Hi at sometime in the future I would like to get a pair of sheep to help keep grass in home orchard short. I love mini animals and am thinking Babydoll or Shetland what are the pros and cons of each. I am a dog groomer and have shaved dogs for over 30 years, so can do same for sheep. Thank You


----------



## purplequeenvt (Feb 16, 2017)

Babydoll Southdowns, while small, are still heavy and strong. They have a lot of wool and can struggle with wool blind (wool covering the eyes). I don't have a lot of experience with the breed as I've never owned them. 

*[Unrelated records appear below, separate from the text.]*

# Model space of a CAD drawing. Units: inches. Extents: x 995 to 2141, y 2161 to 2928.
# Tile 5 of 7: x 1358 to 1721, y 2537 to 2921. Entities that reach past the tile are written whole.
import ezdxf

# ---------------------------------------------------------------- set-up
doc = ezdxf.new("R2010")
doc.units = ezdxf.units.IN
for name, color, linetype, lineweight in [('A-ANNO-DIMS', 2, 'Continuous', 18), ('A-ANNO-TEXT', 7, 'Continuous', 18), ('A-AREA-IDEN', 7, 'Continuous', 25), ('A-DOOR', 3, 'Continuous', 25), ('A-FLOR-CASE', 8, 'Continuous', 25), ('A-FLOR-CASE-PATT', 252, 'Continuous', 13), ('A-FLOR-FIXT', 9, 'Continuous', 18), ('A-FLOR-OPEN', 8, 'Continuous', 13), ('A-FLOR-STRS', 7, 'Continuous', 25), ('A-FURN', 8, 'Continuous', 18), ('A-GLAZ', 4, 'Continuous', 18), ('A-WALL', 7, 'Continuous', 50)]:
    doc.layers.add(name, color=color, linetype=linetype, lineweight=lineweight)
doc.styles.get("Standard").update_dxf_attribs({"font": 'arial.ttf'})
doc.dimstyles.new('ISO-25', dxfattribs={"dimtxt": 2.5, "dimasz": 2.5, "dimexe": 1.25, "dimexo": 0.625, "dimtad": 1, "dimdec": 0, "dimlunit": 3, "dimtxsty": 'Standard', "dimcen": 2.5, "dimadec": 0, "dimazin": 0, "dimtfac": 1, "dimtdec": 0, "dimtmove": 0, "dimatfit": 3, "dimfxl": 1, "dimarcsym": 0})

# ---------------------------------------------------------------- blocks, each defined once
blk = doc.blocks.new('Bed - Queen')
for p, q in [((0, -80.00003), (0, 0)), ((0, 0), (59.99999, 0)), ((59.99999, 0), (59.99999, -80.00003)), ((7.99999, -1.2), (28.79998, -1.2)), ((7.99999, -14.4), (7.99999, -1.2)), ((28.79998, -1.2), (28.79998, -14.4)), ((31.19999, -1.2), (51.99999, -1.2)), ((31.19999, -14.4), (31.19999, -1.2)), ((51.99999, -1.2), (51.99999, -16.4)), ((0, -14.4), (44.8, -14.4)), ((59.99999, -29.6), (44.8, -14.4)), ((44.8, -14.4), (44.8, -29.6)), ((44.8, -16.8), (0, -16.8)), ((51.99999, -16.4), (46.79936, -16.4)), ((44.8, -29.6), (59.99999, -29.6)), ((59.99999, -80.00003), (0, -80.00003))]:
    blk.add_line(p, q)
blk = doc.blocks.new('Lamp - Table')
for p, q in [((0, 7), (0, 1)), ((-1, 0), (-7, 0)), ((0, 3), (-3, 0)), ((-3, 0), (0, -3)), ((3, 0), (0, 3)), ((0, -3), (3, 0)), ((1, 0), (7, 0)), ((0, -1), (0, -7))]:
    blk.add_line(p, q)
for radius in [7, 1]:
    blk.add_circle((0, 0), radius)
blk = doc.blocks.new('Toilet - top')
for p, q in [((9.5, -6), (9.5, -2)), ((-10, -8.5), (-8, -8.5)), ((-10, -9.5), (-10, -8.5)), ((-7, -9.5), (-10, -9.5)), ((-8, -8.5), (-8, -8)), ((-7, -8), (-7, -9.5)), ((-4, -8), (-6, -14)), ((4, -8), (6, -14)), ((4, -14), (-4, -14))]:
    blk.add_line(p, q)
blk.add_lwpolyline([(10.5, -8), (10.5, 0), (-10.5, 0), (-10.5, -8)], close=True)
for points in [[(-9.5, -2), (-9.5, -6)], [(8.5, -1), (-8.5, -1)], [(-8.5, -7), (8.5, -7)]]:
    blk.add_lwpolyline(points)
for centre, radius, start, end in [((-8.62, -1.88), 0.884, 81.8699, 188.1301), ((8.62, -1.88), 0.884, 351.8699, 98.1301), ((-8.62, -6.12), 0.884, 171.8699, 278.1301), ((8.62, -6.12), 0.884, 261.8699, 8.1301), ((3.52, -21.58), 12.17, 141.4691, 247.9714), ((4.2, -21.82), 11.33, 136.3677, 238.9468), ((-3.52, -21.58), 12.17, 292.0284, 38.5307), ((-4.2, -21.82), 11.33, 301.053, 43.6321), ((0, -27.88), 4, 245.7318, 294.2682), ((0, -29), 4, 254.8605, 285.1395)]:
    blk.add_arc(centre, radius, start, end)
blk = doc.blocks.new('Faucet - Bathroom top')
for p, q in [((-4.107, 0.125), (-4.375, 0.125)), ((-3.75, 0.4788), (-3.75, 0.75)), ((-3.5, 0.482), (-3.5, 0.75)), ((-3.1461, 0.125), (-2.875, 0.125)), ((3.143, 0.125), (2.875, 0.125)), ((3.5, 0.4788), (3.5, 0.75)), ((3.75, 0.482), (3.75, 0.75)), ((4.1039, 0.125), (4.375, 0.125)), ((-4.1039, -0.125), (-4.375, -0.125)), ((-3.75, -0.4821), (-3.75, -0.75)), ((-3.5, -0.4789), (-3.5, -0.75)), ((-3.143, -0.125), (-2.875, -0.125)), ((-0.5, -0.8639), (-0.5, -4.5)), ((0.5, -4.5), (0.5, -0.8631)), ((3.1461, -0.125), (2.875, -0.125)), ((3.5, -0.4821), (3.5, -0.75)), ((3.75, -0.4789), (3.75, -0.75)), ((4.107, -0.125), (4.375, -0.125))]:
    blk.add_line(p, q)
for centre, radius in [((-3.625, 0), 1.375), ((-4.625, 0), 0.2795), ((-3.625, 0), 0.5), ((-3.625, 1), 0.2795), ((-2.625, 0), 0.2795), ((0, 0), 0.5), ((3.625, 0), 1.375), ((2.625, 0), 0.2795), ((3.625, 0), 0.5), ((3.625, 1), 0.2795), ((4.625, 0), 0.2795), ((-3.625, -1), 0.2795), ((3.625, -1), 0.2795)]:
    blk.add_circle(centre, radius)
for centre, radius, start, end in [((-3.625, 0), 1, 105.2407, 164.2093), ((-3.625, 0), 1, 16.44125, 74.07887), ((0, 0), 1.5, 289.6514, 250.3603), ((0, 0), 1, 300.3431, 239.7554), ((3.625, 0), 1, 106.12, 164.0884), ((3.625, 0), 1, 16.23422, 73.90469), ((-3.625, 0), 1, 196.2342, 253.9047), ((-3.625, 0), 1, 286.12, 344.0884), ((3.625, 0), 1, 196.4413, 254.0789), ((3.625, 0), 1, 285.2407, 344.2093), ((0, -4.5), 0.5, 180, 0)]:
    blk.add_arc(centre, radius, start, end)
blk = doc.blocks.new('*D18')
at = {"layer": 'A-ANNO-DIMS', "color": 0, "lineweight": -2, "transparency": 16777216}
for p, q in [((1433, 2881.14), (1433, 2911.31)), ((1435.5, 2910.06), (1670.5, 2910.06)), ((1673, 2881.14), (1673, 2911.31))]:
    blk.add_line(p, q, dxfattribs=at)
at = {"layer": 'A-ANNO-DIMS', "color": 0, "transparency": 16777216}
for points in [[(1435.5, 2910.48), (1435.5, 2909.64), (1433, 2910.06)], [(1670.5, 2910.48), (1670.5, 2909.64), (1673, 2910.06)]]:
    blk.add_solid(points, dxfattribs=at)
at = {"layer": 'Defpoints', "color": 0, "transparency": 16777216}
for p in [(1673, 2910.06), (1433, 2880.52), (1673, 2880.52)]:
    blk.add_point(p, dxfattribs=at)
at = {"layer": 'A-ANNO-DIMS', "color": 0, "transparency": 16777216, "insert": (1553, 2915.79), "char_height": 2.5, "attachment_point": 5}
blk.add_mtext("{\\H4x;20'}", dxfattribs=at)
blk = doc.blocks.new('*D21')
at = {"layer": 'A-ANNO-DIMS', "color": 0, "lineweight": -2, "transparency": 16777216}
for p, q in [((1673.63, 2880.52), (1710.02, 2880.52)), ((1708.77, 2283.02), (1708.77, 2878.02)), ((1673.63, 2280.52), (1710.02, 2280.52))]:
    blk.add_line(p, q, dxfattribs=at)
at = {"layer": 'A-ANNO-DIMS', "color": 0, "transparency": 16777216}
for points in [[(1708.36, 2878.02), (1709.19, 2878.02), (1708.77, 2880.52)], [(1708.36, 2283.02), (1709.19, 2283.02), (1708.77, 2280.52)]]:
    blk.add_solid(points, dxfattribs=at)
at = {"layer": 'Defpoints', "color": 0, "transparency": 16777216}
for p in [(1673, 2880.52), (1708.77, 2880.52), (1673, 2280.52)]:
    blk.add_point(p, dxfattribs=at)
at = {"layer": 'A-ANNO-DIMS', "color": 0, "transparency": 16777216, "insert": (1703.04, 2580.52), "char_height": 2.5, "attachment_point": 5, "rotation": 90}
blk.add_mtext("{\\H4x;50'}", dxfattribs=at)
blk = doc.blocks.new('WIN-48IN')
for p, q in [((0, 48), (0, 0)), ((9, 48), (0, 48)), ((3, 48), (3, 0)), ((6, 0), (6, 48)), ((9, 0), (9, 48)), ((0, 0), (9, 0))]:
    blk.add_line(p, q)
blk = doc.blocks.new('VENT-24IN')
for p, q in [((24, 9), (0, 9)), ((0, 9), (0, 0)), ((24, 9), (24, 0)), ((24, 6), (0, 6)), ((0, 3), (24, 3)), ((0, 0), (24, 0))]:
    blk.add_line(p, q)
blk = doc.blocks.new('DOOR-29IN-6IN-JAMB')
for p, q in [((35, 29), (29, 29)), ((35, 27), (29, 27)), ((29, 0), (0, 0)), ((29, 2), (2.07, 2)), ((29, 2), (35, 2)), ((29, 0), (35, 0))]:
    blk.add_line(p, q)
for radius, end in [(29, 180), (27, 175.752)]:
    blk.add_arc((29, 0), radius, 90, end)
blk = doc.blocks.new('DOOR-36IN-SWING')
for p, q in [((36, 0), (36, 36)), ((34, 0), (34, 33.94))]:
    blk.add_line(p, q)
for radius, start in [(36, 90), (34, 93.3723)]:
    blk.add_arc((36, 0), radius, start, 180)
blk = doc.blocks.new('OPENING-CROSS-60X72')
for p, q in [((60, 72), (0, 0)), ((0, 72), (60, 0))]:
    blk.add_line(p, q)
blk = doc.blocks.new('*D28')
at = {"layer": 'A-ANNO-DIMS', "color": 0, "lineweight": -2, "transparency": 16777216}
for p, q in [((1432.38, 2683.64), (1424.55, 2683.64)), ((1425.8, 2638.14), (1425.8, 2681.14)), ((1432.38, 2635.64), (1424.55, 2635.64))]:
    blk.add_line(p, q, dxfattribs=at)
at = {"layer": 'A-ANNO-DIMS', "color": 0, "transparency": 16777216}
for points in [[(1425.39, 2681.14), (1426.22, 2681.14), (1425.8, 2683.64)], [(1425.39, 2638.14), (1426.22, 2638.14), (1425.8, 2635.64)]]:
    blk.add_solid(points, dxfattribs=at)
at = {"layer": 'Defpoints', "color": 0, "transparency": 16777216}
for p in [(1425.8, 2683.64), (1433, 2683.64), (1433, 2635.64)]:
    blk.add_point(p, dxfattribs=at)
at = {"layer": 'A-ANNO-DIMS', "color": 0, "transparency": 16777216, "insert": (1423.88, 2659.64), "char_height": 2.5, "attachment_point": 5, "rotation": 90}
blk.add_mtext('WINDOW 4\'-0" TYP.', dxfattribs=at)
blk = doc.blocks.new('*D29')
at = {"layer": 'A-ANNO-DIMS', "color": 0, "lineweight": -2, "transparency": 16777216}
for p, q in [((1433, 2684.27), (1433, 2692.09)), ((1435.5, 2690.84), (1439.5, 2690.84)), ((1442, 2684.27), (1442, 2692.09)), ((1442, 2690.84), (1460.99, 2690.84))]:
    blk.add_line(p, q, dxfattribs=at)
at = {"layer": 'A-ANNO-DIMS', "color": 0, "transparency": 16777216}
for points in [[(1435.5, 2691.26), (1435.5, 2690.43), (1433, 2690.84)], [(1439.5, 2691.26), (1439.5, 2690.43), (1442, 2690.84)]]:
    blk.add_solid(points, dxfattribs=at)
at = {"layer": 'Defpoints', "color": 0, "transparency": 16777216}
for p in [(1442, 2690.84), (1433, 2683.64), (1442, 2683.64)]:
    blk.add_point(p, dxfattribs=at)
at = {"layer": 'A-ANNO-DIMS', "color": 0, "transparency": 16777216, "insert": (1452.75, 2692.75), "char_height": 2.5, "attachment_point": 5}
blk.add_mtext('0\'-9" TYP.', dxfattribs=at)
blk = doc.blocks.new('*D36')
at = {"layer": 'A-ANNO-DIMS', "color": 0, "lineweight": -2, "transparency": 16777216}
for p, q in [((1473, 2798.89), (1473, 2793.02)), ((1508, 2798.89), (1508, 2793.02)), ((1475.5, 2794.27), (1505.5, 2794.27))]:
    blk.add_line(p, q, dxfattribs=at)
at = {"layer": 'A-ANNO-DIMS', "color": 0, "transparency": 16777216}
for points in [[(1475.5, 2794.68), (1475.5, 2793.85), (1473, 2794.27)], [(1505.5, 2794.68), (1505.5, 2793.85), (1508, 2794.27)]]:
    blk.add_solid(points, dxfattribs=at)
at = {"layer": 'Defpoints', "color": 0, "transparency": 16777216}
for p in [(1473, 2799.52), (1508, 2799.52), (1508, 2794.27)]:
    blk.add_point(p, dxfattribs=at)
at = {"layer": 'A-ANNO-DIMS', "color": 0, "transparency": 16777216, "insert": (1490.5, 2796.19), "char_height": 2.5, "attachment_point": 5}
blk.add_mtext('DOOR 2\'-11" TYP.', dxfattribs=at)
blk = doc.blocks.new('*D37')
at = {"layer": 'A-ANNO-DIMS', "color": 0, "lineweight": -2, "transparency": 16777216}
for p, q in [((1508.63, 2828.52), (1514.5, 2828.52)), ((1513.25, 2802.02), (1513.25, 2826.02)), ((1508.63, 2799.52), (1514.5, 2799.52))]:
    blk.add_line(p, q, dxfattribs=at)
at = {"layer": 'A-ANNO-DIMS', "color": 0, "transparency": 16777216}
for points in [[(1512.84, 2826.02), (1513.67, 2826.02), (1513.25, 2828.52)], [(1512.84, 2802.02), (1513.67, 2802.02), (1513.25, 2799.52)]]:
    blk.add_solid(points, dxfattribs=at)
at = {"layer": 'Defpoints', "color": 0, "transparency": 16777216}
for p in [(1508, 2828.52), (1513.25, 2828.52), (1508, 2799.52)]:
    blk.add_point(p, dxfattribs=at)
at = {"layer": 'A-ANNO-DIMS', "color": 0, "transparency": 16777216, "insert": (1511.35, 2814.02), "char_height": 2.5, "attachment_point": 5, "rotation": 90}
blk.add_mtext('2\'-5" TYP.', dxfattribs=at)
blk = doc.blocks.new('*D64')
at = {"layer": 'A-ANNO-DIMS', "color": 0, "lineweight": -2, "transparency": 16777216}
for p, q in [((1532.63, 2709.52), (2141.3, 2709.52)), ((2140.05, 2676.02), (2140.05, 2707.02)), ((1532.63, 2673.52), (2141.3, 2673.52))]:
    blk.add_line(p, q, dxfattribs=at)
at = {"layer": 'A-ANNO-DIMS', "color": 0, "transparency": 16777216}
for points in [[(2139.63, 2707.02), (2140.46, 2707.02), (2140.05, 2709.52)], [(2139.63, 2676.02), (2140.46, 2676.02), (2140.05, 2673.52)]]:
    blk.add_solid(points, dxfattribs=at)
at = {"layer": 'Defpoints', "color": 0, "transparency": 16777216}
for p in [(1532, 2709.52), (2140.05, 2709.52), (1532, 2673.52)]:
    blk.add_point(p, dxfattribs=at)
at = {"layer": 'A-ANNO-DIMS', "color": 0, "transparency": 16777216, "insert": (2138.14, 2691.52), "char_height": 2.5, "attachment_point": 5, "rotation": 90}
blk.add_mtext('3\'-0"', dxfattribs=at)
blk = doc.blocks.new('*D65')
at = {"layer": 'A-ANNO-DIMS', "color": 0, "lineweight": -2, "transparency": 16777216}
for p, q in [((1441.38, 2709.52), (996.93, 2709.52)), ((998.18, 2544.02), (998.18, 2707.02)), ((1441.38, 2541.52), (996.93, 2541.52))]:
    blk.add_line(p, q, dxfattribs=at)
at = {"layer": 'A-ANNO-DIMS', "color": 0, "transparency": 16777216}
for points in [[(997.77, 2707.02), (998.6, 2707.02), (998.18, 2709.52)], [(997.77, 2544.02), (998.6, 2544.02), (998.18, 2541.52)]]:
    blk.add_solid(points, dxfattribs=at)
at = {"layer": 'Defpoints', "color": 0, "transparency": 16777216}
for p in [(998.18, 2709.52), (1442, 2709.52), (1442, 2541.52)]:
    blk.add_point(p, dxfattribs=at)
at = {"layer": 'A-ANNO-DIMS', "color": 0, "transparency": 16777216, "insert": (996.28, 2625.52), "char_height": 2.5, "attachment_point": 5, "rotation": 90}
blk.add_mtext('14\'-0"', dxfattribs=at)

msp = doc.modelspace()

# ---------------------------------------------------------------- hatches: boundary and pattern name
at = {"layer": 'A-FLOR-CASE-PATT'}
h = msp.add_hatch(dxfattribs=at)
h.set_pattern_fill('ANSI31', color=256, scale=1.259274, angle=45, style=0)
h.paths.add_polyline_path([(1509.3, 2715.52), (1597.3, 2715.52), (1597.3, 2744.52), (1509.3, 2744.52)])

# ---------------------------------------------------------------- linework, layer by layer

Shetlands are fun little sheep that come in lots of colors and patterns. Adult ewes are generally around 80 lbs. They tend to be flighty sheep, but tame down nicely with a little bribery of grain and scratches. They are hardy sheep as well.


----------



## Bossroo (Feb 16, 2017)

Sheep and goats LOVE to eat nice and tender tree bark , branches, twigs as well as the leaves.


----------



## Nyboy (Feb 17, 2017)

Oh I knew goats would, but thought sheep would not. Article I read said wineyards used them because they only ate grass, left grape vines alone.


----------



## Baymule (Feb 17, 2017)

My sheep browse on everything. We used them to help clear the briar infested acre we loosely called a pasture. They stood on their hind legs to nip off tree branches and leaves.


----------



## goatgurl (Feb 17, 2017)

yup Nyboy, I had seen the same thing about sheep so when my lawnmower died late last summer I kept the goats out but let the sheep in the yard to 'mow the grass' and they ate almost every flower and shrub I had growing.  i have katahdin's which are a hair sheep, no shearing required, and they browse as much as the goats but i have been told that the wool sheep like the shetlands don't.  bigger trees are safe but they ate my honey berry bushes to the ground.  hopefully more sheeple on here will help answer your question.


----------



## Baymule (Feb 17, 2017)

Whatever they can reach..........


----------



## purplequeenvt (Feb 18, 2017)

Sheep will definitely nibble your trees. How much damage they do will depend on the individual animals and how many other types of forage they have available. 

They won't usually strip a tree unless it's a very yummy tree and/or there isn't enough tasty pasture available. 

You can wrap the trunks with hardware cloth to prevent the sheep from eating the bark. The leaves on any low hanging branches would eaten, but the rest would be safe. 

There are ways to safely graze around trees without killing them.


----------



## norseofcourse (Feb 20, 2017)

My sheep eat almost anything, and last winter my ram did major damage to some apple trees that are probably 70 years old or so, eating large amounts of their bark. So yes, you may need to protect the trees in your orchard.

Grapevines are one of my sheep's most favorite things.  They won't eat the thick lower vine, but any leaves they can reach are eaten fast!


----------



## Nyboy (Feb 21, 2017)

Thanks guys always pays to ask people that have animal .


----------